Engarrafamento de vinho
Engarrafamento de vinhoFoto: Arquivo/Folha de Pernambuco

Nunca se produziu tanto vinho no Brasil. Segundo a Organização Internacional da Vinha e do Vinho (OIV), foram 340 milhões de litros só em 2017. É um crescimento de 169% em relação ao ano anterior, que aparece justamente no ano em que a tradicional produção europeia declinou, animando ainda mais os produtores nacionais. O Instituto Brasileiro do Vinho (Ibravin) explica, no entanto, que grande parte desse indicador reflete a recuperação da produção gaúcha, que quebrou em 2016. Mas o número também impacta os negócios do Vale do São Francisco. Só a vinícola pernambucana Rio Sol fabricou 900 mil garrafas a mais que o normal em 2017. E a expectativa é elevar ainda mais esta produção neste ano.
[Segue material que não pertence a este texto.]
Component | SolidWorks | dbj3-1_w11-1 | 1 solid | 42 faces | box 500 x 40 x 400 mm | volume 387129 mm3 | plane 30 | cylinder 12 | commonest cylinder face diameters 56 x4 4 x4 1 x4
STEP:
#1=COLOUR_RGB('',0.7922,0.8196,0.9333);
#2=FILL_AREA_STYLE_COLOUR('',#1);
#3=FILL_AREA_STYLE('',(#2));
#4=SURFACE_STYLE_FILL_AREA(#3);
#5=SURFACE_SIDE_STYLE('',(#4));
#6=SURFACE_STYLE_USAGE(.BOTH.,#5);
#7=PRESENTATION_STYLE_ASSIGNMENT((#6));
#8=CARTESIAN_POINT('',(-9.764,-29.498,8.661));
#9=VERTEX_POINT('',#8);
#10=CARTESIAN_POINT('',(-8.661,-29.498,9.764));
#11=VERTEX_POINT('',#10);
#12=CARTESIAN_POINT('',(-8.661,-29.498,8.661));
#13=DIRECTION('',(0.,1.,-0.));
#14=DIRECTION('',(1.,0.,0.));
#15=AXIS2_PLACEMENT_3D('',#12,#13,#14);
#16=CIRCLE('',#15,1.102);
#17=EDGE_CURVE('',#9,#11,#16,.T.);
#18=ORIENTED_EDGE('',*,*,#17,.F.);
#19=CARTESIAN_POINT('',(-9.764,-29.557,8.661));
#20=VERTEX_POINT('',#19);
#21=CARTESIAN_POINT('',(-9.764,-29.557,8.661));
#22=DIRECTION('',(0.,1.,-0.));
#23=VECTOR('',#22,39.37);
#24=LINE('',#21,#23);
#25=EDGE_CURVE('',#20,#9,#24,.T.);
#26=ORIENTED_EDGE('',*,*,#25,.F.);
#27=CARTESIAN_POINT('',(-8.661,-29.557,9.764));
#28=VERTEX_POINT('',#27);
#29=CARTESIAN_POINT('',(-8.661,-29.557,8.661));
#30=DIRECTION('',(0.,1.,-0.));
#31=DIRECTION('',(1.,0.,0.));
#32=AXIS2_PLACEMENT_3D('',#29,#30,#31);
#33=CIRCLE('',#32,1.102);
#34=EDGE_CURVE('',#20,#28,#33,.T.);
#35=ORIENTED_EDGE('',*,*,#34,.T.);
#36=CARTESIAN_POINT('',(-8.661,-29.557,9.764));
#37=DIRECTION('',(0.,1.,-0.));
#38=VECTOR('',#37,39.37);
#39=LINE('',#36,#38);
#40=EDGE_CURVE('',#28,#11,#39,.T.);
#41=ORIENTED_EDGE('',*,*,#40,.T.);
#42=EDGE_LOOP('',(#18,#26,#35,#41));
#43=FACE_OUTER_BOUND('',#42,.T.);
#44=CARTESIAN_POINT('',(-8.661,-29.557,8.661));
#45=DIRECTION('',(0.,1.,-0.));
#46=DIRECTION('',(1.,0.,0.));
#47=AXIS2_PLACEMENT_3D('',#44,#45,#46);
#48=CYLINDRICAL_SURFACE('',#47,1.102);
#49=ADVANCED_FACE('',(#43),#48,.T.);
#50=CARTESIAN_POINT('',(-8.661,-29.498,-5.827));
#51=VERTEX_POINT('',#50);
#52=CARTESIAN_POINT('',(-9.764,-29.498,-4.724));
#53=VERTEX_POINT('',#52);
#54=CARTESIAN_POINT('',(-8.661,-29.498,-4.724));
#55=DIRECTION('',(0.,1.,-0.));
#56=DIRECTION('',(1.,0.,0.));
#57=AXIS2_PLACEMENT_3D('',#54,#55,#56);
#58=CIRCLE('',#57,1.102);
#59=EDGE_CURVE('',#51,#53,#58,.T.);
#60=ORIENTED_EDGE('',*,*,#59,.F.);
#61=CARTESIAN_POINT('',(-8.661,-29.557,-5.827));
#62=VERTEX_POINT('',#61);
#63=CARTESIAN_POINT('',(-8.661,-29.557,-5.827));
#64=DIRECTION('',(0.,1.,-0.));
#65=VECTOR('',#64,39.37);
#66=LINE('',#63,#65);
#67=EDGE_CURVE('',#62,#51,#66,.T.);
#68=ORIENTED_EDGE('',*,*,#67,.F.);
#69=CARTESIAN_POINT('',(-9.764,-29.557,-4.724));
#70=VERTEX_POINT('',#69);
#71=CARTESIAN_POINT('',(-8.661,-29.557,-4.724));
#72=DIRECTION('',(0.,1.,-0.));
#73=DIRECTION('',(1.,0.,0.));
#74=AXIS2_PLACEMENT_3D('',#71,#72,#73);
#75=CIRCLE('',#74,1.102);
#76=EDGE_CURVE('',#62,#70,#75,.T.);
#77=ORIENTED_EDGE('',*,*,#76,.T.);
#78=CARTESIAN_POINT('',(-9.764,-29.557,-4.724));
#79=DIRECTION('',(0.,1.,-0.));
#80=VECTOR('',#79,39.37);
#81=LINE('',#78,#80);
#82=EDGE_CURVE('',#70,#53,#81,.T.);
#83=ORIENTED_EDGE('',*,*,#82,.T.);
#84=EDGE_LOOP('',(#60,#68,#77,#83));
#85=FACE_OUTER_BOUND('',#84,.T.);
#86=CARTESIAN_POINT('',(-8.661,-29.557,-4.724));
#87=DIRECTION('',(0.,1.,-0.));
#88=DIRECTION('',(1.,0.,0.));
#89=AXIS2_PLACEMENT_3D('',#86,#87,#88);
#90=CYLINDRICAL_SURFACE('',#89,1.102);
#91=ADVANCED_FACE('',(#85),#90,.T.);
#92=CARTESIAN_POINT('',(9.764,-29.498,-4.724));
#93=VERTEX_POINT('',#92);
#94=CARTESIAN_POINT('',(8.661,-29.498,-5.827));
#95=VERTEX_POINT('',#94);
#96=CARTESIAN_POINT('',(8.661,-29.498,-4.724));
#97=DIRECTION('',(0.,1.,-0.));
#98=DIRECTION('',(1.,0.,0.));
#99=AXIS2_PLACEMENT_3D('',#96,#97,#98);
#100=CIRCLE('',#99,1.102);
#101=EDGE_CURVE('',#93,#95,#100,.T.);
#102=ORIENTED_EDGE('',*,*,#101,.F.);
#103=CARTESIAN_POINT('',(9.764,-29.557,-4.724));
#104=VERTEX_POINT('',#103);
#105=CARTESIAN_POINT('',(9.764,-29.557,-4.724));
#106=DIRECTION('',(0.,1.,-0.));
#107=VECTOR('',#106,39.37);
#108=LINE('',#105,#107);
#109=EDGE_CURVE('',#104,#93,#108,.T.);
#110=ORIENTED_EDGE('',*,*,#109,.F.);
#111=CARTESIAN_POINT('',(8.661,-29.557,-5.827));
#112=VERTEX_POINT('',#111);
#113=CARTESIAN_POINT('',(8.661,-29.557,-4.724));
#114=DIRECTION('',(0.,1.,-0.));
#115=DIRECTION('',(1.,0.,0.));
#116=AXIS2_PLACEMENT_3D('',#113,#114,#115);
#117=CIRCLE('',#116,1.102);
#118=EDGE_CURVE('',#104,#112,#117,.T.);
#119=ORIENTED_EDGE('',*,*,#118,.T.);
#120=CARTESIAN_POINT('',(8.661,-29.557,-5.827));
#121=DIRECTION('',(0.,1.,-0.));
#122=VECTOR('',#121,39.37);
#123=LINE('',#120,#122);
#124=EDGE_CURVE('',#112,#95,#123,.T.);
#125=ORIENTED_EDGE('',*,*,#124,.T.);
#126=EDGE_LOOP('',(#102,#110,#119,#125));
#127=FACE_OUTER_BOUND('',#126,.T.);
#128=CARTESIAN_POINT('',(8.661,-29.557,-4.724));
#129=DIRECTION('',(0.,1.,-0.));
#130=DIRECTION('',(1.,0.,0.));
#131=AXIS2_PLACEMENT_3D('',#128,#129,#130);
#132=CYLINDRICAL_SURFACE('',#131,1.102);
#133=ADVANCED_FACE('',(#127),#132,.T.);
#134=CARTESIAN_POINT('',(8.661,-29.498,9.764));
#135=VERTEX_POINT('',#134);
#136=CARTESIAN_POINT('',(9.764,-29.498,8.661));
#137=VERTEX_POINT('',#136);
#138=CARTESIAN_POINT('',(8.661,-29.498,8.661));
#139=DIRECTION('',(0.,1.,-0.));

Segundo a OIV, a produção mundial de vinho caiu 8,6%, ficando em 250 bilhões de litros em 2017, o nível mais baixo desde 1957. O recuo reflete a queda de 14,6% dos vinhedos europeus, afetados por condições climáticas rigorosas. Porém, passou longe da América do Sul. Afinal, o clima adverso já havia passado por aqui ano anterior, com o El Niño. “Como estamos em hemisférios diferentes, temos períodos diferentes de colheita. Por isso, a Europa teve quebra de safra em 2017. Já nós sofremos em 2016”, explicou o diretor técnico do Ibravin, Leocir Botegga, lembrando que, naquele ano, a produção do Rio Grande do Sul, que representa 90% do mercado nacional de vinhos, quebrou devido à incidência de geadas e granizos. “Já em 2017, tivemos a maior safra de todos os tempos. Recuperamos as perdas de 2016 e ainda crescemos um pouco em relação à média histórica”, disse Bottega.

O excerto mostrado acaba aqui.